On my way to Mom’s, I drive into Beals Point to admire the spectacularly full lake, the water rarely so high that seeing the vastness of blue submerging granite outcroppings winked with mica feels almost miraculous.
The flotilla of Canada geese looks happy, a giant flock of fifty sculling toward shore in a perfect line that my synchronized swimming team would have envied. They turn as if hearing a musical cue into the curved arm of shore where I stand like a coach watching their performance, their black eyes and matching velvet necks swiveling in my direction. I know what they’re thinking: human = food.
But I have come empty handed, and, because I talk to pretty much every living thing that approaches—walking, swimming, crawling or flying—I say most sincerely, I’m sorry I didn’t bring you anything.
One tall fellow gracefully rises to his feet in the shallows. Honk! he honks. I hold out empty hands. Really sorry, I say, and he flutters his feathered bottom back into swimming mode. As one, the flock moves on, looking, I presume, for shores with good grass to nibble— or perhaps more cooperative humans.

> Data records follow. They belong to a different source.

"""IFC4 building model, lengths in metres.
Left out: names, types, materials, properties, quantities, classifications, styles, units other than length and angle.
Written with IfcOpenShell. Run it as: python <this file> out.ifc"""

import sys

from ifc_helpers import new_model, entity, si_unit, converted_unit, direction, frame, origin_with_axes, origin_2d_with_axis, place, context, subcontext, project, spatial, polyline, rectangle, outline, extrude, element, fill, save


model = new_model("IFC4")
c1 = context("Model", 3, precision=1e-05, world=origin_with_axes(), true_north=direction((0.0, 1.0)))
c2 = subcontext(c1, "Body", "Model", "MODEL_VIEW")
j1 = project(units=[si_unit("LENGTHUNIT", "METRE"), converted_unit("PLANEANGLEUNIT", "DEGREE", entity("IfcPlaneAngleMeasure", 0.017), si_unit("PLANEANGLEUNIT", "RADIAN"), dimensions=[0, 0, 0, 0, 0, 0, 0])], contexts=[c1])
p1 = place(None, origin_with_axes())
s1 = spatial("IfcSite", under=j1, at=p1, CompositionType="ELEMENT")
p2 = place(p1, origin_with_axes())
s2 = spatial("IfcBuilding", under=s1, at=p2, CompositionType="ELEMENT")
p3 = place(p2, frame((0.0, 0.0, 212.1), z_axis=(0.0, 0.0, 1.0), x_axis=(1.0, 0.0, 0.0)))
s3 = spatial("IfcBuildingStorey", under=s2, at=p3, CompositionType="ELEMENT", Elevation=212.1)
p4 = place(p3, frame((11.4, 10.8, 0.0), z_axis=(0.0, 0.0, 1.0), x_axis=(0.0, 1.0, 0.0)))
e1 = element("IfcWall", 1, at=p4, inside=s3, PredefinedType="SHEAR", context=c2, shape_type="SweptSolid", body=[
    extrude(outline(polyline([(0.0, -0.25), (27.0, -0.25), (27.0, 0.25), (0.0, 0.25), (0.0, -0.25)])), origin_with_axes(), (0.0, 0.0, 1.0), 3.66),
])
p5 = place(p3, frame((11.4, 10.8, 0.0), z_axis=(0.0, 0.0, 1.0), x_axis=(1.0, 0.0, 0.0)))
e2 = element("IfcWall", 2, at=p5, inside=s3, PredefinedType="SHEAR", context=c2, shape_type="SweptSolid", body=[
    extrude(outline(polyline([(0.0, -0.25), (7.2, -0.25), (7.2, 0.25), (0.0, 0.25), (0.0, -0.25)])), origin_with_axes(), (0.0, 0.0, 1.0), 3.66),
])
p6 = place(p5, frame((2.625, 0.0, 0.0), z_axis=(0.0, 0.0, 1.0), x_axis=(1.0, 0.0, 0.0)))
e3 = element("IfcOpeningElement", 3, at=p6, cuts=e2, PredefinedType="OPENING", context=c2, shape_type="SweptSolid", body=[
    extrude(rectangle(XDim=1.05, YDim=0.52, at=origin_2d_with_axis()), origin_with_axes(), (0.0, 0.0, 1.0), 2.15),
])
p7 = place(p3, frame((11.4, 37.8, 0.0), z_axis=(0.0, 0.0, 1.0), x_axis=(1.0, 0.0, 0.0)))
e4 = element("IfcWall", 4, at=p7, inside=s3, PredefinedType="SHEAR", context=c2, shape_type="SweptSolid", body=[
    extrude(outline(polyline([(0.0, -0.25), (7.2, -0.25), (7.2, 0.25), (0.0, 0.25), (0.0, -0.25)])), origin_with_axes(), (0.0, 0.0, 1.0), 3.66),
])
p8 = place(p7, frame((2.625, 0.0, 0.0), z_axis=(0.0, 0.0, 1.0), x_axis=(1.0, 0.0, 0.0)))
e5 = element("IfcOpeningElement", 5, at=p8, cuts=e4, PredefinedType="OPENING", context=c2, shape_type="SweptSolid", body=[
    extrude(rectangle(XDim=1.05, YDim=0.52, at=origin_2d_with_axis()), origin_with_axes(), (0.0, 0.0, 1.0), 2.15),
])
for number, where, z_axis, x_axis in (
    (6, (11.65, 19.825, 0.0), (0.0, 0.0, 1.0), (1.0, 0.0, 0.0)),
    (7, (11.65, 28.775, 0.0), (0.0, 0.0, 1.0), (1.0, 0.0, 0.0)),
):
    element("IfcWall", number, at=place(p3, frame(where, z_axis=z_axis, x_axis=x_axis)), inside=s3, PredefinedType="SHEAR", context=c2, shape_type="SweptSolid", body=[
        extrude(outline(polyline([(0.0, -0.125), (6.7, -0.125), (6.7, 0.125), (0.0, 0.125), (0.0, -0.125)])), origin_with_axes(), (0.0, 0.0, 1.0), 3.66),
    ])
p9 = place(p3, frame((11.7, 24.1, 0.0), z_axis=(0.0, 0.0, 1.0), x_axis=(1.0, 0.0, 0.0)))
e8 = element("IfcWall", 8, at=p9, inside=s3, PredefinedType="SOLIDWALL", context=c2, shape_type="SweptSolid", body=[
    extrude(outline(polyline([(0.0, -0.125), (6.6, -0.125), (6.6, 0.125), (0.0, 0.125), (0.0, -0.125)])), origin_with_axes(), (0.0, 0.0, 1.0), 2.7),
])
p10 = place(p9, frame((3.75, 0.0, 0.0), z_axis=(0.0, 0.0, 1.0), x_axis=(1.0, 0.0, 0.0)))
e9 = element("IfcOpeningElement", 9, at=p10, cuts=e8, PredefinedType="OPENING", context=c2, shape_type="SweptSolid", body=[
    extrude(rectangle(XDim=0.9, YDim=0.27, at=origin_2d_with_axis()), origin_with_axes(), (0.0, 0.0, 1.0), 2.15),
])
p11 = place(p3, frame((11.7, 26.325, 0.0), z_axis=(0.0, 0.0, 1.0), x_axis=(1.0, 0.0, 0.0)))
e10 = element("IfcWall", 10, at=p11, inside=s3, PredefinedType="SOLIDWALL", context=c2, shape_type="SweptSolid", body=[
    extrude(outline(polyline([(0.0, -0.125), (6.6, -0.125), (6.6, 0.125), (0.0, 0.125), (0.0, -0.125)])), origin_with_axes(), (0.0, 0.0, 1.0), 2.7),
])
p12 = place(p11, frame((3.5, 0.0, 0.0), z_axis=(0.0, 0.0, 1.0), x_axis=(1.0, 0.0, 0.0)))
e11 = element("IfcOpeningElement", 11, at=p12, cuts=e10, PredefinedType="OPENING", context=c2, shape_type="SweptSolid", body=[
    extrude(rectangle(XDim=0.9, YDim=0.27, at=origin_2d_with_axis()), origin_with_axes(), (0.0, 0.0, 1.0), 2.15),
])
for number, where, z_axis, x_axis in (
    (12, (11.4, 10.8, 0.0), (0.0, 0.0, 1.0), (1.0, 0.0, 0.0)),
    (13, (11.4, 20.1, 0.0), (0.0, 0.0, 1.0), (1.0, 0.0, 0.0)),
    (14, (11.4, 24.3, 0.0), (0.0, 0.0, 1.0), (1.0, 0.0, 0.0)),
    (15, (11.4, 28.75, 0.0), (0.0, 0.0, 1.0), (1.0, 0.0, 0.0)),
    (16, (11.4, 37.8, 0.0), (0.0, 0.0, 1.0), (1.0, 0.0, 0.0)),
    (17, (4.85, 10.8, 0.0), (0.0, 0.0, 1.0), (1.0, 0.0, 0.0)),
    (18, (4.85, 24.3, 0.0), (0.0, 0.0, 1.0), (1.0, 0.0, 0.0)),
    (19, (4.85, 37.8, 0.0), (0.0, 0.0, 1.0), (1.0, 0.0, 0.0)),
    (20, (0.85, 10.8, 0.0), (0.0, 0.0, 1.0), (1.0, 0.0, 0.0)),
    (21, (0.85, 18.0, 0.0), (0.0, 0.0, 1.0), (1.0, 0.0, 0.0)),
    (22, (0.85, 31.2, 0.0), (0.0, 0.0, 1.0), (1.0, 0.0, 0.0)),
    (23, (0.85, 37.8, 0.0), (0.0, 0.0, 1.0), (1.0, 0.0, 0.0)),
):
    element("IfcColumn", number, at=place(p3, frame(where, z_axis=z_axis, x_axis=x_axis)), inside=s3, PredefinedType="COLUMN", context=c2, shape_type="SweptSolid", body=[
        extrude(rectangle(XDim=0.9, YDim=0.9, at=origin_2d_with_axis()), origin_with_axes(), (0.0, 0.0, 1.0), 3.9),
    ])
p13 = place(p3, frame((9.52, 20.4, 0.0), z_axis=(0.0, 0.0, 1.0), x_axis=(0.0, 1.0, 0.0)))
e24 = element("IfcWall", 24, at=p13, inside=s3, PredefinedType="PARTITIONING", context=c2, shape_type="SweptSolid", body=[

Later, after our Momday appointments, she asks me to drive her into what, after almost sixty years, I still think of as our side of the lake lapping up the trees and boat ramps of Granite Bay. Even from the car, we see the flock—still fifty strong— paddling the shoreline miles from where they started that morning.
There they are! I say, delighted by these residents, who, like me, might well be the second generation of their families to call Folsom Lake home,
who, if they are lucky, are taking in this beautiful summer day on the water with kin at their side—perhaps the ones who taught them to swim in these waters, who urged them not to worry about how deep or how shallow the blue, to trust that they will float, held by forces they will never see, but will support them all the days of their lives.
Part of the Folsom Lake flock at Beals Point / Photo: Jan Haag
not today but some day, let it come without warning, say, as I walk a sweetly shaded path, coming to the first of several gentle packed-earth steps placed by thoughtful hands
and let the path be bordered in late spring green verging on summer gold under the most ordinary of trees, which, of course, only appear ordinary
and let ocean sounds waft up the path, the lifeblood of sea meeting rock on which generations of sleek black birds have courted and nested and raised young
and out there over the deep blue let a small contingent of pelicans dip and glide
allowing me to fledge
—you were born with wings—
and at last take flight,
joining them in their journey into mystery
Pt. Lobos State Natural Reserve / Photo: Dick Schmidt
Dr. Janis peers through the magical machine that looks like a giant pair of glasses on a swinging pole— something Elton might have worn onstage in the 1970s— her eyes on the opposite side of the device inspecting mine.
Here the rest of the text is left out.